# Wacky Sentra Stereo Wiring



## tsi200sx (Nov 8, 2002)

I've finally gotten around to installing my wife's Blaupunkt CD player in her '92 Sentra XE. So I pulled the stock tape deck out today, and discovered this strange two-pronged connector that I assume is the antenna connector, but what's with the two leads? I'm going to have to figure out how this connector is wired and modify it by adding a normal antenna connector to plug into the Blaupunkt. I'm sure plenty of you have installed aftermarket stereos in your B13's, what's the best way to adapt this connector? And what is the color scheme for the stock wiring, that is to say, which of the stock wires is power, memory, speakers, etc.? The only diagram I have is on the sticker on the stock stereo, and it's not very descriptive.

I was surprised to see when I removed the original tape deck that it was made by Clarion. That makes it even more surprising that the tape player hasn't worked since we bought the car.


----------



## toolapcfan (Jul 10, 2002)

You have to buy an antenna adapter for that. The reason there are two is because the car has a fender mounted antenna as well as the one in the back window just above the rear defrost, it looks like a defroster grid but isn't. If you buy a wiring harness you won't have to hack into the wiring, however I'm assuming you know that, and don't mind cutting the OEM radio harness off. Anyway, here's the wiring colors:

Your keyed hot is Blue
Hot is Red with a black stripe
Red with a blue stripe and Red with a yellow stripe goes to the illumination system, so just wire nut those ones off.
Front Right speaker:
Brown with a white stripe and Brown
Front Left speaker:
Same colors as the Front Right for a 2 door, for a 4 door they are Blue with a white stripe and blue with a yellow stripe.
Rear Left:
Red and Green
Rear Right:
Blue and Purple
The ground is in one of the harnesses, I know because I've put a stereo in two B13's before, but for some reason my lame ass FSM doesn't show it. It just shows the radio as chassis grounded. Additionally, I can't tell from the diagram which ones are grounds and which ones aren't for the speaker wires.

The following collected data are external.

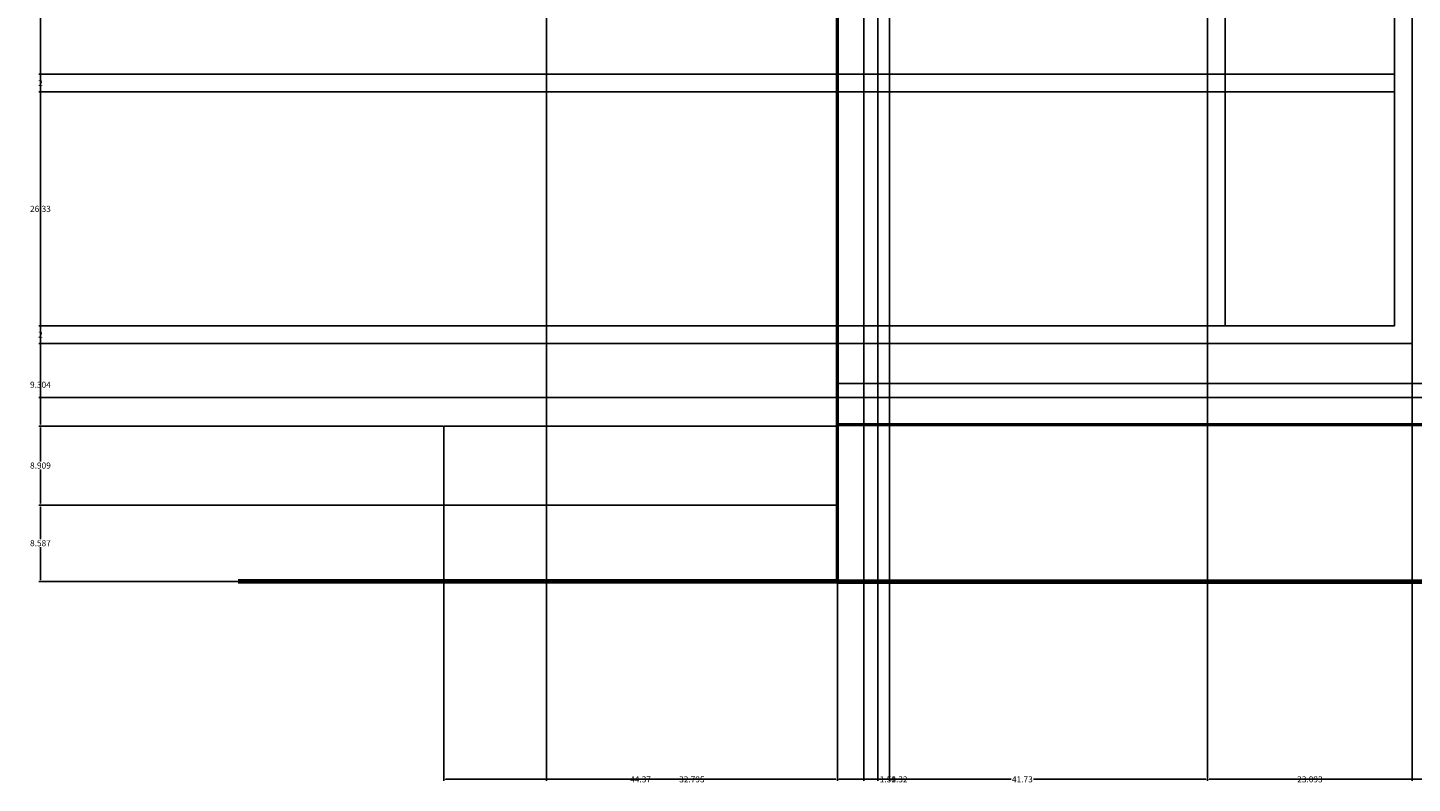
# Model space of a CAD drawing. Units: inches. Extents: x -139 to 346, y 72 to 413.
# Tile 1 of 18: x -139 to 18, y 72 to 157. Entities that reach past the tile are written whole.
import ezdxf

# ---------------------------------------------------------------- set-up
doc = ezdxf.new("R2010")
doc.units = ezdxf.units.IN
doc.header["$MEASUREMENT"] = 0
for name, color, linetype, lineweight in [('A-ANNO-DIMS', 2, 'Continuous', 18), ('A-FLOR-STRS', 2, 'Continuous', 25), ('A-GLAZ', 4, 'Continuous', 25), ('A-WALL', 7, 'Continuous', 50), ('C-TOPO', 7, 'Continuous', 70)]:
    doc.layers.add(name, color=color, linetype=linetype, lineweight=lineweight)
doc.styles.get("Standard").update_dxf_attribs({"font": 'arial.ttf'})
doc.dimstyles.get("Standard").update_dxf_attribs({"dimtxt": 0.6875, "dimasz": 0.18, "dimexe": 0.18, "dimexo": 0.0625, "dimgap": 0.09, "dimtad": 0, "dimtih": 1, "dimtoh": 1, "dimdec": 4, "dimzin": 0, "dimdsep": 46, "dimlunit": 4, "dimtxsty": 'Standard', "dimcen": 0.09, "dimadec": 0, "dimazin": 0, "dimtfac": 1, "dimtdec": 4, "dimtofl": 0, "dimtmove": 0, "dimatfit": 3, "dimfxl": 1, "dimtolj": 1, "dimtzin": 0, "dimarcsym": 0})

# ---------------------------------------------------------------- blocks, each defined once
blk = doc.blocks.new('*D7')
at = {"layer": 'A-ANNO-DIMS', "color": 0, "lineweight": -2, "transparency": 16777216}
for p, q in [((-47.27, 95.04), (-47.27, 117.45)), ((-47.09, 117.27), (129.79, 117.27)), ((309.71, 117.27), (132.82, 117.27)), ((309.89, 95.04), (309.89, 117.45))]:
    blk.add_line(p, q, dxfattribs=at)
at = {"layer": 'A-ANNO-DIMS', "color": 0, "transparency": 16777216}
for points in [[(-47.09, 117.3), (-47.09, 117.24), (-47.27, 117.27)], [(309.71, 117.3), (309.71, 117.24), (309.89, 117.27)]]:
    blk.add_solid(points, dxfattribs=at)
at = {"layer": 'Defpoints', "color": 0, "transparency": 16777216}
for p in [(309.89, 117.27), (-47.27, 94.97), (309.89, 94.97)]:
    blk.add_point(p, dxfattribs=at)
at = {"layer": 'A-ANNO-DIMS', "color": 0, "transparency": 16777216, "insert": (131.31, 117.27), "char_height": 0.688, "attachment_point": 5}
blk.add_mtext('\\A1;357.16', dxfattribs=at)
blk = doc.blocks.new('*D8')
at = {"layer": 'A-ANNO-DIMS', "color": 0, "lineweight": -2, "transparency": 16777216}
for p, q in [((-91.64, 94.91), (-91.64, 72.49)), ((-47.27, 94.91), (-47.27, 72.49)), ((-91.46, 72.67), (-70.72, 72.67)), ((-47.45, 72.67), (-68.19, 72.67))]:
    blk.add_line(p, q, dxfattribs=at)
at = {"layer": 'A-ANNO-DIMS', "color": 0, "transparency": 16777216}
for points in [[(-91.46, 72.7), (-91.46, 72.64), (-91.64, 72.67)], [(-47.45, 72.7), (-47.45, 72.64), (-47.27, 72.67)]]:
    blk.add_solid(points, dxfattribs=at)
at = {"layer": 'Defpoints', "color": 0, "transparency": 16777216}
for p in [(-91.64, 94.97), (-47.27, 94.97), (-47.27, 72.67)]:
    blk.add_point(p, dxfattribs=at)
at = {"layer": 'A-ANNO-DIMS', "color": 0, "transparency": 16777216, "insert": (-69.46, 72.67), "char_height": 0.688, "attachment_point": 5}
blk.add_mtext('\\A1;44.37', dxfattribs=at)
blk = doc.blocks.new('*D9')
at = {"layer": 'A-ANNO-DIMS', "color": 0, "lineweight": -2, "transparency": 16777216}
for p, q in [((-5.54, 121.71), (-5.54, 72.49)), ((-47.27, 112.54), (-47.27, 72.49)), ((-47.09, 72.67), (-27.67, 72.67)), ((-5.72, 72.67), (-25.14, 72.67))]:
    blk.add_line(p, q, dxfattribs=at)
at = {"layer": 'A-ANNO-DIMS', "color": 0, "transparency": 16777216}
for points in [[(-47.09, 72.7), (-47.09, 72.64), (-47.27, 72.67)], [(-5.72, 72.7), (-5.72, 72.64), (-5.54, 72.67)]]:
    blk.add_solid(points, dxfattribs=at)
at = {"layer": 'Defpoints', "color": 0, "transparency": 16777216}
for p in [(-5.54, 121.78), (-47.27, 112.6), (-5.54, 72.67)]:
    blk.add_point(p, dxfattribs=at)
at = {"layer": 'A-ANNO-DIMS', "color": 0, "transparency": 16777216, "insert": (-26.41, 72.67), "char_height": 0.688, "attachment_point": 5}
blk.add_mtext('\\A1;41.73', dxfattribs=at)
blk = doc.blocks.new('*D10')
at = {"layer": 'A-ANNO-DIMS', "color": 0, "lineweight": -2, "transparency": 16777216}
for p, q in [((-5.54, 121.71), (-5.54, 72.49)), ((112.65, 112.54), (112.65, 72.49)), ((-5.36, 72.67), (52.34, 72.67)), ((112.47, 72.67), (54.77, 72.67))]:
    blk.add_line(p, q, dxfattribs=at)
at = {"layer": 'A-ANNO-DIMS', "color": 0, "transparency": 16777216}
for points in [[(-5.36, 72.7), (-5.36, 72.64), (-5.54, 72.67)], [(112.47, 72.7), (112.47, 72.64), (112.65, 72.67)]]:
    blk.add_solid(points, dxfattribs=at)
at = {"layer": 'Defpoints', "color": 0, "transparency": 16777216}
for p in [(-5.54, 121.78), (112.65, 112.6), (112.65, 72.67)]:
    blk.add_point(p, dxfattribs=at)
at = {"layer": 'A-ANNO-DIMS', "color": 0, "transparency": 16777216, "insert": (53.56, 72.67), "char_height": 0.688, "attachment_point": 5}
blk.add_mtext('\\A1;118.2', dxfattribs=at)
blk = doc.blocks.new('*D12')
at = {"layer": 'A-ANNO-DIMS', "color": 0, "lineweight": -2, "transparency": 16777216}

Use a volt meter to check continuity to ground to figure that out.


----------



## maxedout97maxima (Dec 2, 2002)

you need to buy a wiring harness from a local stereo shop and you need to buy an antenna adapter...

like this


http://cgi.ebay.com/ws/eBayISAPI.dll?ViewItem&item=3037611591&category=32812


http://cgi.ebay.com/ws/eBayISAPI.dll?ViewItem&item=3037286247&category=32812

http://cgi.ebay.com/ws/eBayISAPI.dll?ViewItem&item=3037989604&category=14932

you splice the cd player wiring harness to this then plug it into the factory harness...


----------



## maxedout97maxima (Dec 2, 2002)

http://installdr.com/QuickWiring.html


----------



## toolapcfan (Jul 10, 2002)

I suggest you buy them at those Buy it Now ebay prices, a stereo shop will charge you $15 for the antenna adapter as well as $14 for the harness. Those prices were cheap!


----------



## 2SR20DE (May 17, 2003)

That's right I forgot about that little goodie, the dual prong. I just pulled mine off and there is a single one under it if I remember correctly. I don't think you NEED an adapter but you could get one. Then go buy an adapter to go from nissan to universal and universal to blaupunkt or just nissan to open and splice them together, it's cheaper but not quite as clean expecially if you ever change out the deck.


----------



## Irons (Jul 10, 2002)

I also recommend the wireing harness. However, watch the ground and illums. The one I got from Circuit City the ground and illium wasn't right. I ended up just grounding to the frame behind the console.


----------



## Rittmeister (Jun 29, 2002)

You can actually buy the antenna adaptor at WalMart. I got mine there.


----------



## tsi200sx (Nov 8, 2002)

Good info about the antenna adapter, thanks. I was just going to cut the stock wiring harnesses off and splice the wires in, but now that I think about it I'll probably get a harness so that I can quickly and cleanly put the stock stereo back in.


----------



## TooSlo (Jun 26, 2003)

I would definitely suggest going that route. If you go to a local stereo shop you can get the harness for $15ish and then if you tell them what you're installing into, they'll throw in the antenna adapter, that's what they did for me, but then again I've put a lot of stereos in my cars in the past as well..... could just be the homeboy hookup.


----------



## 2SR20DE (May 17, 2003)

tsi200sx said:


> *Good info about the antenna adapter, thanks. I was just going to cut the stock wiring harnesses off and splice the wires in, but now that I think about it I'll probably get a harness so that I can quickly and cleanly put the stock stereo back in. *


Yes do not clip the factory harness. I was talking about the antenna that you can just pull apart. You can make it way clean by going Nissan--->universal---->universal----->Blaupunkt but that's a length of wires


----------



## TooSlo (Jun 26, 2003)

2SR20DE said:


> *Yes do not clip the factory harness. I was talking about the antenna that you can just pull apart. You can make it way clean by going Nissan--->universal---->universal----->Blaupunkt but that's a length of wires *


----------



## 95 SentraB13 (Jun 14, 2002)

I don't understand you guys paying $15 and more when you can go to a Wal-Mart which is in about every large town, and get it for $6 or so. I guess if you don't live near a place like then eBay is your best bet.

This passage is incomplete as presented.